Puerto Ricans choose to keep the status quo

Political wags have joked that given the choice of “none of the above” on the ballot, voters would take it. Sunday, the Puerto Ricans were, and they did.

Under prodding from Congress, Puerto Rico held a nonbinding referendum in which the voters were given five choices: commonwealth status, which the island has now; statehood, semi-autonomous “free association,” full independence and, of course, none of the above, opted for by 50 percent of the voters.

Statehood, heavily promoted by Gov. Pedro Rossello, and his New Progressive Party, received 47 percent and the other choices a total of 3 percent. Despite the dreams of its small band of nationalists, independence has never had much support. Undaunted, Rossello declared the results a victory for statehood.

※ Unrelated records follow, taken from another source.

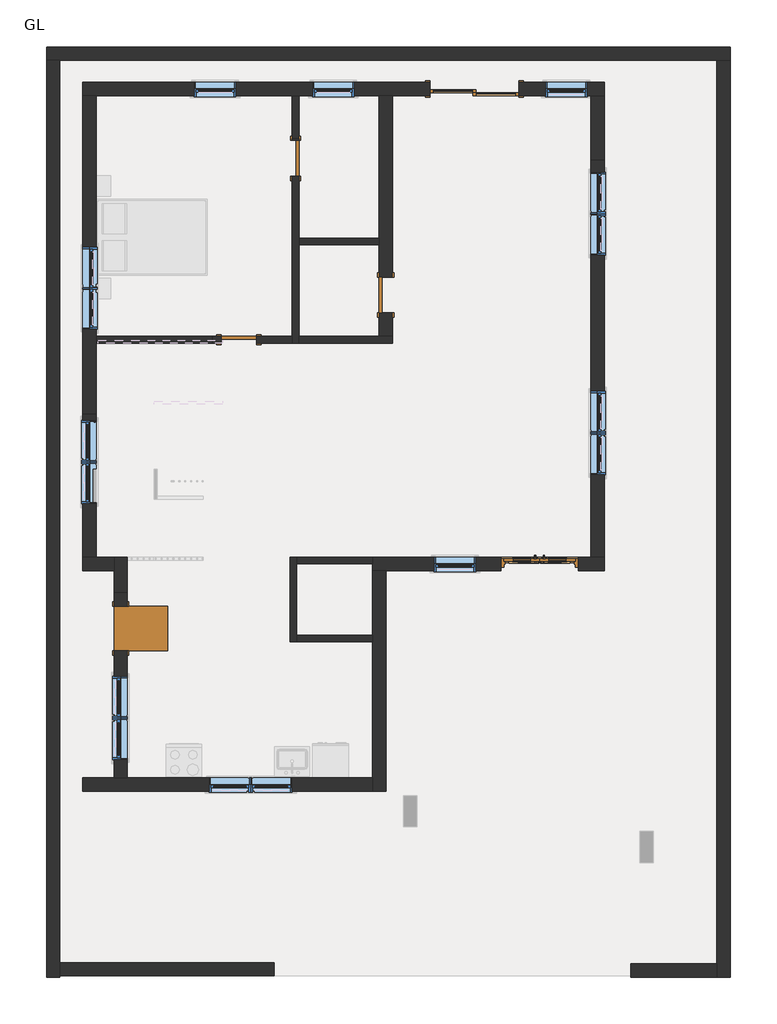
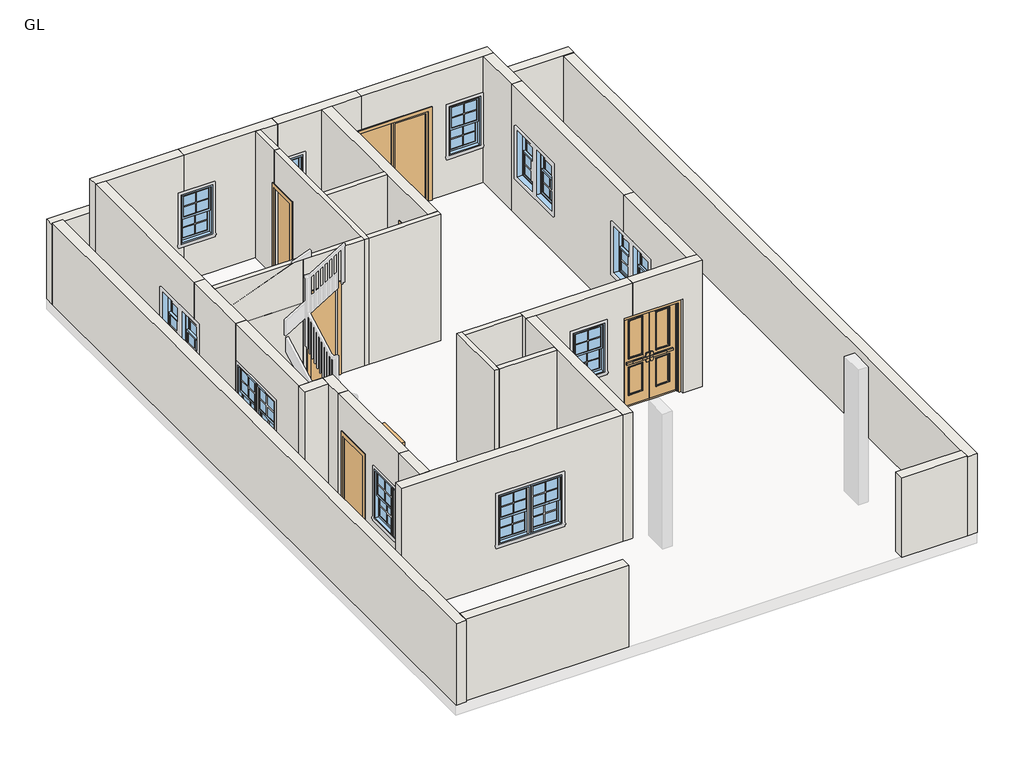
# One storey, part 1 of 3: 33 walls, 16 windows, 6 doors.
"""IFC4 building model written with IfcOpenShell, lengths in millimetres."""

from ifc_helpers import new_model, si_unit, frame, origin, origin_with_axes, place, context, project, spatial, polyline, outline, extrude, faceted_brep, transform, mapped, element, save
from components import door_238c678e, door_exterior_double_two_lite_door_exterior_double_two_lite_a6b01c7a, door_exterior_double_two_lite_door_exterior_double_two_lite_31e28e64, door_exterior_double_two_lite_door_exterior_double_two_lite_4a402bc0, single_flush_2_x_7_f433b8c7, door_0bf9f8da, door_0d3b4037, window_fc4bf0c6

model = new_model("IFC4")

# Units and contexts
model_context = context("Model", 3, world=origin())
ifc_project = project(units=[si_unit("LENGTHUNIT", "METRE", prefix="MILLI")], contexts=[model_context])

# Site, building, storey
site = spatial("IfcSite", under=ifc_project)
building = spatial("IfcBuilding", under=site)
storey = spatial("IfcBuildingStorey", under=building, Name="GL", Elevation=0.0)

# Doors
placement = place(None, origin())
door_shape = door_238c678e(model_context)
element("IfcDoor", 1, ObjectType="Door-Double-Sliding : 60\" x 84\"", at=placement, inside=storey, context=model_context, shape_type="MappedRepresentation", body=[
    mapped(door_shape, transform((-15781.8310804, 12791.3223147, 0.0), x_axis=(-1.0, 0.0, 0.0), y_axis=(0.0, -1.0, 0.0), z_axis=(0.0, 0.0, 1.0))),
])
door_exterior_double_two_lite_door_exterior_double_two_lite_shape = door_exterior_double_two_lite_door_exterior_double_two_lite_a6b01c7a(model_context)
door_exterior_double_two_lite_door_exterior_double_two_lite_2_shape = door_exterior_double_two_lite_door_exterior_double_two_lite_31e28e64(model_context)
door_exterior_double_two_lite_door_exterior_double_two_lite_3_shape = door_exterior_double_two_lite_door_exterior_double_two_lite_4a402bc0(model_context)
element("IfcDoor", 2, ObjectType="Door-Exterior-Double-Two_Lite : Door-Exterior-Double-Two_Lite", at=placement, inside=storey, context=model_context, shape_type="MappedRepresentation", body=[
    mapped(door_exterior_double_two_lite_door_exterior_double_two_lite_shape, transform((-14665.6751671, 4542.6723646, 0.0), x_axis=(1.0, 0.0, 0.0), y_axis=(0.0, 1.0, 0.0), z_axis=(0.0, 0.0, 1.0))),
    mapped(door_exterior_double_two_lite_door_exterior_double_two_lite_2_shape, transform((-14665.6751671, 4542.6723646, 0.0), x_axis=(1.0, 0.0, 0.0), y_axis=(0.0, 1.0, 0.0), z_axis=(0.0, 0.0, 1.0))),
    mapped(door_exterior_double_two_lite_door_exterior_double_two_lite_3_shape, transform((-14665.6751671, 4542.6723646, 0.0), x_axis=(1.0, 0.0, 0.0), y_axis=(0.0, 1.0, 0.0), z_axis=(0.0, 0.0, 1.0))),
])
single_flush_2_x_7_shape = single_flush_2_x_7_f433b8c7(model_context)
element("IfcDoor", 3, ObjectType="Single-Flush : 2' x 7'", at=placement, inside=storey, context=model_context, shape_type="MappedRepresentation", body=[
    mapped(single_flush_2_x_7_shape, transform((-21828.4750314, 3444.1223646, 0.0), x_axis=(0.0, 1.0, 0.0), y_axis=(-1.0, 0.0, 0.0), z_axis=(0.0, 0.0, 1.0))),
])
door_2_shape = door_0bf9f8da(model_context)
element("IfcDoor", 4, ObjectType="Single-Flush : 24\" x 84\"", at=placement, inside=storey, context=model_context, shape_type="MappedRepresentation", body=[
    mapped(door_2_shape, transform((-18837.6250314, 11478.1423646, 0.0), x_axis=(0.0, 1.0, 0.0), y_axis=(-1.0, 0.0, 0.0), z_axis=(0.0, 0.0, 1.0))),
])
element("IfcDoor", 5, ObjectType="Single-Flush : 24\" x 84\"", at=placement, inside=storey, context=model_context, shape_type="MappedRepresentation", body=[
    mapped(door_2_shape, transform((-19809.1750314, 8378.0723646, 0.0), x_axis=(-1.0, 0.0, 0.0), y_axis=(0.0, -1.0, 0.0), z_axis=(0.0, 0.0, 1.0))),
])
door_3_shape = door_0d3b4037(model_context)
element("IfcDoor", 6, ObjectType="Single-Flush : 24\" x 84\"", at=placement, inside=storey, context=model_context, shape_type="MappedRepresentation", body=[
    mapped(door_3_shape, transform((-17294.5750314, 9140.0723646, 0.0), x_axis=(0.0, 1.0, 0.0), y_axis=(-1.0, 0.0, 0.0), z_axis=(0.0, 0.0, 1.0))),
])

# Walls
element("IfcWall", 7, ObjectType="Generic - 4.5\"", at=placement, inside=storey, context=model_context, shape_type="SweptSolid", body=[
    extrude(outline(polyline([(-18894.7750314, 11808.3423646), (-18894.7750314, 12550.0223147), (-18780.4750314, 12550.0223147), (-18780.4750314, 11808.3423646), (-18894.7750314, 11808.3423646)])), origin_with_axes(), (0.0, 0.0, 1.0), 2997.2),
])
element("IfcWall", 8, ObjectType="Generic - 4.5\"", at=placement, inside=storey, context=model_context, shape_type="Brep", body=[
    faceted_brep([(-18894.7750314, 11808.3423646, 0.0), (-18894.7750314, 11782.9423646, 0.0), (-18894.7750314, 11782.9423646, 2133.6), (-18894.7750314, 11173.3423646, 2133.6), (-18894.7750314, 11173.3423646, 0.0), (-18894.7750314, 8435.2223646, 0.0), (-18894.7750314, 8320.9223646, 0.0), (-18894.7750314, 8320.9223646, 2997.2), (-18894.7750314, 8435.2223646, 2997.2), (-18894.7750314, 11808.3423646, 2997.2), (-18780.4750314, 11782.9423646, 2133.6), (-18780.4750314, 11782.9423646, 0.0), (-18780.4750314, 11808.3423646, 0.0), (-18780.4750314, 11808.3423646, 2997.2), (-18780.4750314, 10111.6223646, 2997.2), (-18780.4750314, 9997.3223646, 2997.2), (-18780.4750314, 8435.2223646, 2997.2), (-18780.4750314, 8320.9223646, 2997.2), (-18780.4750314, 8320.9223646, 0.0), (-18780.4750314, 8435.2223646, 0.0), (-18780.4750314, 9997.3223646, 0.0), (-18780.4750314, 10111.6223646, 0.0), (-18780.4750314, 11173.3423646, 0.0), (-18780.4750314, 11173.3423646, 2133.6)], [[[0, 1, 2, 3, 4, 5, 6, 7, 8, 9]], [[10, 11, 12, 13, 14, 15, 16, 17, 18, 19, 20, 21, 22, 23]], [[12, 11, 1, 0]], [[22, 21, 20, 19, 18, 6, 5, 4]], [[0, 9, 13, 12]], [[7, 6, 18, 17]], [[2, 1, 11, 10]], [[3, 2, 10, 23]], [[4, 3, 23, 22]], [[9, 8, 7, 17, 16, 15, 14, 13]]]),
])
element("IfcWall", 9, ObjectType="Generic - 4.5\"", at=placement, inside=storey, context=model_context, shape_type="Brep", body=[
    faceted_brep([(-18780.4750314, 8320.9223646, 0.0), (-17180.2750314, 8320.9223646, 0.0), (-17180.2750314, 8320.9223646, 2997.2), (-18780.4750314, 8320.9223646, 2997.2), (-18780.4750314, 8435.2223646, 0.0), (-18780.4750314, 8435.2223646, 2997.2), (-17408.8750314, 8435.2223646, 2997.2), (-17180.2750314, 8435.2223646, 2997.2), (-17180.2750314, 8435.2223646, 0.0), (-17408.8750314, 8435.2223646, 0.0)], [[[0, 1, 2, 3]], [[4, 5, 6, 7, 8, 9]], [[1, 0, 4, 9, 8]], [[0, 3, 5, 4]], [[2, 1, 8, 7]], [[3, 2, 7, 6, 5]]]),
])
element("IfcWall", 10, ObjectType="Generic - 4.5\"", at=placement, inside=storey, context=model_context, shape_type="SweptSolid", body=[
    extrude(outline(polyline([(0.0, -20266.3750314), (0.0, -20113.9750314), (2133.6, -20113.9750314), (2133.6, -19504.3750314), (0.0, -19504.3750314), (0.0, -18894.7750314), (2997.2, -18894.7750314), (2997.2, -20266.3750314), (0.0, -20266.3750314)])), frame((0.0, 8320.9223646, 0.0), z_axis=(0.0, 1.0, 0.0), x_axis=(0.0, 0.0, 1.0)), (0.0, 0.0, 1.0), 114.3),
])
element("IfcWall", 11, ObjectType="Generic - 4.5\"", at=placement, inside=storey, context=model_context, shape_type="SweptSolid", body=[
    extrude(outline(polyline([(-20266.3750314, 8320.9223646), (-22247.5752061, 8320.9223646), (-22247.5752061, 8435.2223646), (-20266.3750314, 8435.2223646), (-20266.3750314, 8320.9223646)])), origin_with_axes(), (0.0, 0.0, 1.0), 2997.2),
])
element("IfcWall", 12, ObjectType="Generic - 4.5\"", at=placement, inside=storey, context=model_context, shape_type="SweptSolid", body=[
    extrude(outline(polyline([(-17408.8750314, 9997.3223646), (-18780.4750314, 9997.3223646), (-18780.4750314, 10111.6223646), (-17408.8750314, 10111.6223646), (-17408.8750314, 9997.3223646)])), origin_with_axes(), (0.0, 0.0, 1.0), 2997.2),
])
element("IfcWall", 13, ObjectType="Generic - 4.5\"", at=placement, inside=storey, context=model_context, shape_type="Brep", body=[
    faceted_brep([(-18932.8750314, 4663.3223646, 0.0), (-18932.8750314, 3215.5223646, 0.0), (-18932.8750314, 3215.5223646, 2997.2), (-18932.8750314, 4663.3223646, 2997.2), (-18818.5750314, 4663.3223646, 0.0), (-18818.5750314, 4663.3223646, 2997.2), (-18818.5750314, 4549.0223646, 2997.2), (-18818.5750314, 3329.8223646, 2997.2), (-18818.5750314, 3215.5223646, 2997.2), (-18818.5750314, 3215.5223646, 0.0), (-18818.5750314, 3329.8223646, 0.0), (-18818.5750314, 4549.0223646, 0.0)], [[[0, 1, 2, 3]], [[4, 5, 6, 7, 8, 9, 10, 11]], [[1, 0, 4, 11, 10, 9]], [[2, 1, 9, 8]], [[0, 3, 5, 4]], [[3, 2, 8, 7, 6, 5]]]),
])
element("IfcWall", 14, ObjectType="Generic - 4.5\"", at=placement, inside=storey, context=model_context, shape_type="SweptSolid", body=[
    extrude(outline(polyline([(-17523.1750314, 3215.5223646), (-18818.5750314, 3215.5223646), (-18818.5750314, 3329.8223646), (-17523.1750314, 3329.8223646), (-17523.1750314, 3215.5223646)])), origin_with_axes(), (0.0, 0.0, 1.0), 2997.2),
])
element("IfcWall", 15, ObjectType="Generic - 4.5\"", at=placement, inside=storey, context=model_context, shape_type="SweptSolid", body=[
    extrude(outline(polyline([(-17523.1750314, 4549.0223646), (-18818.5750314, 4549.0223646), (-18818.5750314, 4663.3223646), (-17523.1750314, 4663.3223646), (-17523.1750314, 4549.0223646)])), origin_with_axes(), (0.0, 0.0, 1.0), 2997.2),
])
element("IfcWall", 16, ObjectType="Generic - 9\" 2", at=placement, inside=storey, context=model_context, shape_type="Brep", body=[
    faceted_brep([(-11408.7437595, 13378.6077942, 0.0), (-23096.6616791, 13378.6077942, 0.0), (-23096.6616791, 13378.6077942, 1886.4124862), (-11408.7437595, 13378.6077942, 1886.4124862), (-11408.7437595, 13150.0077942, 0.0), (-11408.7437595, 13150.0077942, 1876.4849166), (-11408.7437595, 13150.0077942, 1886.4124862), (-23096.6616791, 13150.0077942, 1886.4124862), (-23096.6616791, 13150.0077942, 0.0), (-22868.0616791, 13150.0077942, 0.0), (-11637.3437595, 13150.0077942, 0.0)], [[[0, 1, 2, 3]], [[4, 5, 6, 7, 8, 9, 10]], [[1, 0, 4, 10, 9, 8]], [[3, 2, 7, 6]], [[2, 1, 8, 7]], [[0, 3, 6, 5, 4]]]),
])
element("IfcWall", 17, ObjectType="Generic - 9\" 2", at=placement, inside=storey, context=model_context, shape_type="Brep", body=[
    faceted_brep([(-23096.6616791, 13150.0077942, 0.0), (-23096.6616791, -2518.5276354, 0.0), (-23096.6616791, -2518.5276354, 1930.400068), (-23096.6616791, 13150.0077942, 1930.400068), (-23096.6616791, 13150.0077942, 1886.4124862), (-22868.0616791, 13150.0077942, 0.0), (-22868.0616791, 13150.0077942, 1930.400068), (-22868.0616791, -2518.5276354, 1930.400068), (-22868.0616791, -2518.5276354, 0.0)], [[[0, 1, 2, 3, 4]], [[5, 6, 7, 8]], [[1, 0, 5, 8]], [[2, 1, 8, 7]], [[3, 2, 7, 6]], [[0, 4, 3, 6, 5]]]),
])
element("IfcWall", 18, ObjectType="Generic - 9\" 2", at=placement, inside=storey, context=model_context, shape_type="SweptSolid", body=[
    extrude(outline(polyline([(-19208.5067292, -2492.7076157), (-22866.1067292, -2492.7076157), (-22866.1067292, -2264.1076157), (-19208.5067292, -2264.1076157), (-19208.5067292, -2492.7076157)])), origin_with_axes(), (0.0, 0.0, 1.0), 1937.5226212),
])
element("IfcWall", 19, ObjectType="Generic - 9\" 2", at=placement, inside=storey, context=model_context, shape_type="Brep", body=[
    faceted_brep([(-11637.3437595, 13150.0077942, 0.0), (-11637.3437595, -2286.8422058, 0.0), (-11637.3437595, -2515.4422058, 0.0), (-11637.3437595, -2515.4422058, 1876.4849166), (-11637.3437595, 13150.0077942, 1876.4849166), (-11408.7437595, 13150.0077942, 0.0), (-11408.7437595, 13150.0077942, 1876.4849166), (-11408.7437595, -2515.4422058, 1876.4849166), (-11408.7437595, -2515.4422058, 0.0)], [[[0, 1, 2, 3, 4]], [[5, 6, 7, 8]], [[2, 1, 0, 5, 8]], [[4, 3, 7, 6]], [[0, 4, 6, 5]], [[3, 2, 8, 7]]]),
])
element("IfcWall", 20, ObjectType="Generic - 9\" 2", at=placement, inside=storey, context=model_context, shape_type="Brep", body=[
    faceted_brep([(-11637.3437595, -2286.8422058, 0.0), (-13103.5750314, -2286.8422058, 0.0), (-13103.5750314, -2286.8422058, 1892.5418489), (-11637.3437595, -2286.8422058, 1892.5418489), (-11637.3437595, -2515.4422058, 0.0), (-11637.3437595, -2515.4422058, 1876.4849166), (-11637.3437595, -2515.4422058, 1892.5418489), (-13103.5750314, -2515.4422058, 1892.5418489), (-13103.5750314, -2515.4422058, 0.0)], [[[0, 1, 2, 3]], [[4, 5, 6, 7, 8]], [[1, 0, 4, 8]], [[2, 1, 8, 7]], [[3, 2, 7, 6]], [[0, 3, 6, 5, 4]]]),
])
element("IfcWall", 21, ObjectType="Generic -9\"Brick 2", at=placement, inside=storey, context=model_context, shape_type="Brep", body=[
    faceted_brep([(-22476.1750314, 12550.0223646, 0.0), (-22247.5750314, 12550.0223646, 0.0), (-20494.9750314, 12550.0223646, 0.0), (-20494.9750314, 12550.0223646, 914.4), (-20571.1750314, 12550.0223646, 914.4), (-20571.1750314, 12550.0223646, 2082.8), (-20494.9750314, 12550.0223646, 2082.8), (-20494.9750314, 12550.0223646, 2997.2), (-22247.5750314, 12550.0223646, 2997.2), (-22476.1752061, 12550.0223646, 2997.2), (-20494.9750314, 12778.6223646, 0.0), (-22476.1750314, 12778.6223646, 0.0), (-22476.1750314, 12778.6223646, 2997.2), (-20494.9750314, 12778.6223646, 2997.2), (-20494.9750314, 12778.6223646, 2082.8), (-20571.1750314, 12778.6223646, 2082.8), (-20571.1750314, 12778.6223646, 914.4), (-20494.9750314, 12778.6223646, 914.4)], [[[0, 1, 2, 3, 4, 5, 6, 7, 8, 9]], [[10, 11, 12, 13, 14, 15, 16, 17]], [[2, 1, 0, 11, 10]], [[2, 10, 17, 3]], [[13, 7, 6, 14]], [[0, 9, 12, 11]], [[16, 4, 3, 17]], [[4, 16, 15, 5]], [[5, 15, 14, 6]], [[9, 8, 7, 13, 12]]]),
])
element("IfcWall", 22, ObjectType="Generic -9\"Brick 2", at=placement, inside=storey, context=model_context, shape_type="Brep", body=[
    faceted_brep([(-20494.9750314, 12550.0223147, 0.0), (-18894.7750314, 12550.0223147, 0.0), (-18780.4750314, 12550.0223147, 0.0), (-18397.0494379, 12550.0223147, 0.0), (-18397.0494379, 12550.0223147, 914.4), (-18549.4494379, 12550.0223147, 914.4), (-18549.4494379, 12550.0223147, 2082.8), (-18397.0494379, 12550.0223147, 2082.8), (-18397.0494379, 12550.0223147, 2997.2), (-18780.4750314, 12550.0223147, 2997.2), (-18894.7750314, 12550.0223147, 2997.2), (-20494.9750314, 12550.0223147, 2997.2), (-20494.9750314, 12550.0223147, 2082.8), (-19859.9750314, 12550.0223147, 2082.8), (-19859.9750314, 12550.0223147, 914.4), (-20494.9750314, 12550.0223147, 914.4), (-18397.0494379, 12778.6223147, 0.0), (-20494.9750314, 12778.6223147, 0.0), (-20494.9750314, 12778.6223147, 914.4), (-19859.9750314, 12778.6223147, 914.4), (-19859.9750314, 12778.6223147, 2082.8), (-20494.9750314, 12778.6223147, 2082.8), (-20494.9750314, 12778.6223147, 2997.2), (-18397.0494379, 12778.6223147, 2997.2), (-18397.0494379, 12778.6223147, 2082.8), (-18549.4494379, 12778.6223147, 2082.8), (-18549.4494379, 12778.6223147, 914.4), (-18397.0494379, 12778.6223147, 914.4)], [[[0, 1, 2, 3, 4, 5, 6, 7, 8, 9, 10, 11, 12, 13, 14, 15]], [[16, 17, 18, 19, 20, 21, 22, 23, 24, 25, 26, 27]], [[3, 2, 1, 0, 17, 16]], [[3, 16, 27, 4]], [[23, 8, 7, 24]], [[17, 0, 15, 18]], [[12, 11, 22, 21]], [[13, 20, 19, 14]], [[14, 19, 18, 15]], [[20, 13, 12, 21]], [[26, 5, 4, 27]], [[5, 26, 25, 6]], [[6, 25, 24, 7]], [[11, 10, 9, 8, 23, 22]]]),
])
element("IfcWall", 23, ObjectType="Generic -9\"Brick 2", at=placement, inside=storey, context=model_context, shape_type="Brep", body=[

Under their somewhat anomalous commonwealth status, Puerto Ricans are U.S. citizens and eligible for military conscription but they do not vote for president, do not have voting representation in Congress and do not pay federal taxes. Legally speaking, it’s not the prettiest arrangement, but it works.

To Puerto Ricans, the great drawback to statehood is the fear they might lose the Spanish language and their separate culture. The flip side of that fear — that statehood would institutionalize Spanish as a second language — is one of the reasons that Senate leader Trent Lott bottled up a House-passed bill establishing a two-step process to statehood.

Although it received less than 1 percent of the vote, commonwealth status and not “none of the above” was the biggest winner in the referendum because the voters, in effect, gave a ringing endorsement to the status quo.